By lowering blood sugar alone could not protect one from dying sooner, as indicated by the study. This would mean that while managing blood sugar is important, controlling blood pressure and cholesterol are equally paramount.

For patients with newly diagnosed diabetes, keeping their blood sugar levels as close to normal as possible through healthy eating and exercise would still benefit. But for patients with history of heart attack and other risk factors, inability to get their blood sugar to normal levels should not make them feel guilty. What they need to do is to get their blood pressure and cholesterol controlled, and their blood sugar appropriately managed, instead of aggressively pushing down the blood sugar.

The prevailing practice is to prescribe diabetic patients with 2 or 3 medications to help them manage their blood sugar levels.

However, many patients in the Accord Study were asked to take multiple drugs and insulin shots, to adhere to strict diets, and to regularly meet counselors and doctors who monitored them. As there is no single medical treatment was prescribed, doctors just employed whatever possible treatments appeared to work best for each individual patient.

The researchers admitted that they would have to re-examine the data on those who died to find out pattern, if any, which might explain why patients had worse result in the intense treatment group.
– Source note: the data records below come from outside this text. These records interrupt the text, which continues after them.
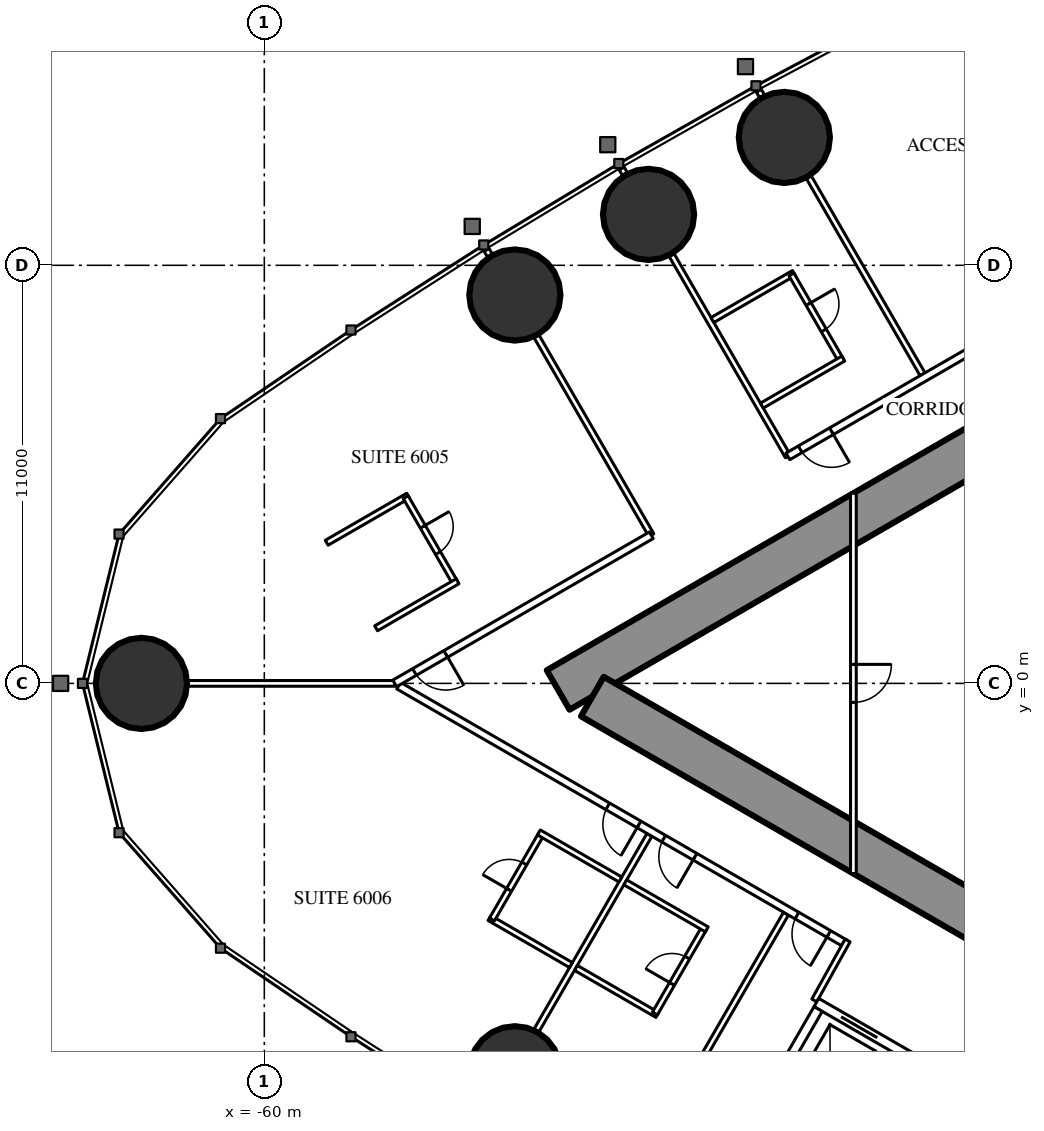
"""IFC4 building model, lengths in metres.
Left out: names, types, materials, properties, quantities, classifications, styles, units other than length and angle.
Written with IfcOpenShell. Run it as: python <this file> out.ifc"""

import sys

from ifc_helpers import new_model, si_unit, direction, frame, frame_2d, origin, origin_2d, place, context, subcontext, project, spatial, rectangle, circle, extrude, element, fill, save


model = new_model("IFC4")
c1 = context("Model", 3, precision=1e-05, world=origin(), true_north=direction((0.0, 1.0)))
c2 = subcontext(c1, "Body", "Model", "MODEL_VIEW")
j1 = project(units=[si_unit("LENGTHUNIT", "METRE"), si_unit("PLANEANGLEUNIT", "RADIAN")], contexts=[c1])
p1 = place(None, origin())
s1 = spatial("IfcSite", under=j1, at=p1, CompositionType="ELEMENT")
p2 = place(p1, origin())
s2 = spatial("IfcBuilding", under=s1, at=p2, CompositionType="ELEMENT")
p3 = place(p2, frame((0.0, 0.0, 226.1)))
s3 = spatial("IfcBuildingStorey", under=s2, at=p3, CompositionType="ELEMENT", Elevation=226.1)
for number, where, z_axis, x_axis in (
    (1, (-63.234, 0.0, 0.0), (0.0, 0.0, 1.0), (1.0, 0.0, 0.0)),
    (2, (-53.408, -10.219, 0.0), (0.0, 0.0, 1.0), (1.0, 0.0, 0.0)),
    (3, (-46.317, 14.365, 0.0), (0.0, 0.0, 1.0), (1.0, 0.0, 0.0)),
    (4, (-49.89, 12.34, 0.0), (0.0, 0.0, 1.0), (1.0, 0.0, 0.0)),
    (5, (-53.408, 10.219, 0.0), (0.0, 0.0, 1.0), (1.0, 0.0, 0.0)),
):
    element("IfcColumn", number, at=place(p3, frame(where, z_axis=z_axis, x_axis=x_axis)), inside=s3, PredefinedType="COLUMN", context=c2, shape_type="SweptSolid", body=[
        extrude(circle(Radius=1.2, at=origin_2d()), origin(), (0.0, 0.0, 1.0), 3.6),
    ])
p4 = place(p3, frame((-27.2, 14.3, 0.0), z_axis=(0.0, 0.0, 1.0), x_axis=(-0.866026593062, -0.499997940104, 0.0)))
e6 = element("IfcWall", 6, at=p4, inside=s3, PredefinedType="SHEAR", context=c2, shape_type="SweptSolid", body=[
    extrude(rectangle(XDim=28.946, YDim=1.2, at=frame_2d((14.473, 0.0))), origin(), (0.0, 0.0, 1.0), 3.6),
])
p5 = place(p4, frame((4.6, 0.0, 0.0)))
e7 = element("IfcOpeningElement", 7, at=p5, cuts=e6, PredefinedType="OPENING", context=c2, shape_type="SweptSolid", body=[
    extrude(rectangle(XDim=1.0, YDim=2.2, at=frame_2d((0.5, 1.1))), frame((0.0, 0.61, 0.0), z_axis=(0.0, -1.0, 0.0), x_axis=(1.0, 0.0, 0.0)), (0.0, 0.0, 1.0), 1.22),
])
p6 = place(p4, frame((13.395, 0.0, 0.0)))
e8 = element("IfcOpeningElement", 8, at=p6, cuts=e6, PredefinedType="OPENING", context=c2, shape_type="SweptSolid", body=[
    extrude(rectangle(XDim=1.8, YDim=2.2, at=frame_2d((0.9, 1.1))), frame((0.0, 0.61, 0.0), z_axis=(0.0, -1.0, 0.0), x_axis=(1.0, 0.0, 0.0)), (0.0, 0.0, 1.0), 1.22),
])
p7 = place(p3, frame((-27.2, -14.3, 0.0), z_axis=(0.0, 0.0, 1.0), x_axis=(-0.866024021859, 0.500002393557, 0.0)))
e9 = element("IfcWall", 9, at=p7, inside=s3, PredefinedType="SHEAR", context=c2, shape_type="SweptSolid", body=[
    extrude(rectangle(XDim=27.907, YDim=1.2, at=frame_2d((13.954, 0.0))), origin(), (0.0, 0.0, 1.0), 3.6),
])
p8 = place(p7, frame((4.6, 0.0, 0.0)))
e10 = element("IfcOpeningElement", 10, at=p8, cuts=e9, PredefinedType="OPENING", context=c2, shape_type="SweptSolid", body=[
    extrude(rectangle(XDim=1.0, YDim=2.2, at=frame_2d((0.5, 1.1))), frame((0.0, 0.61, 0.0), z_axis=(0.0, -1.0, 0.0), x_axis=(1.0, 0.0, 0.0)), (0.0, 0.0, 1.0), 1.22),
])
p9 = place(p7, frame((13.395, 0.0, 0.0)))
e11 = element("IfcOpeningElement", 11, at=p9, cuts=e9, PredefinedType="OPENING", context=c2, shape_type="SweptSolid", body=[
    extrude(rectangle(XDim=1.8, YDim=2.2, at=frame_2d((0.9, 1.1))), frame((0.0, 0.61, 0.0), z_axis=(0.0, -1.0, 0.0), x_axis=(1.0, 0.0, 0.0)), (0.0, 0.0, 1.0), 1.22),
])
p10 = place(p3, frame((-42.68, 8.134, 0.0), z_axis=(0.0, 0.0, 1.0), x_axis=(-0.499984479505, 0.866034364361, 0.0)))
e12 = element("IfcWall", 12, at=p10, inside=s3, PredefinedType="PARTITIONING", context=c2, shape_type="SweptSolid", body=[
    extrude(rectangle(XDim=5.995, YDim=0.15, at=frame_2d((2.998, 0.0))), origin(), (0.0, 0.0, 1.0), 2.45),
])
p11 = place(p3, frame((-46.898, 15.439, 0.0), z_axis=(0.0, 0.0, 1.0), x_axis=(-0.500232303069, 0.865891241997, 0.0)))
e13 = element("IfcWall", 13, at=p11, inside=s3, PredefinedType="PARTITIONING", context=c2, shape_type="SweptSolid", body=[
    extrude(rectangle(XDim=0.18, YDim=0.15, at=frame_2d((0.09, 0.0))), origin(), (0.0, 0.0, 1.0), 2.45),
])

Meanwhile, they suspected that these patients might be sicker to begin with, or it might because of the number of drugs used, or the pace at which their blood sugar dropped.

Undoubtedly, the intense treatment required a great deal of effort from the patients. It could therefore be the stress of the treatment itself arising from the fact that it was exceedingly difficult for any of the patients to achieve the targeted blood sugar levels. Many diabetics would simply feel stressed when they were unable to lower to their targeted blood sugar levels set by their doctors.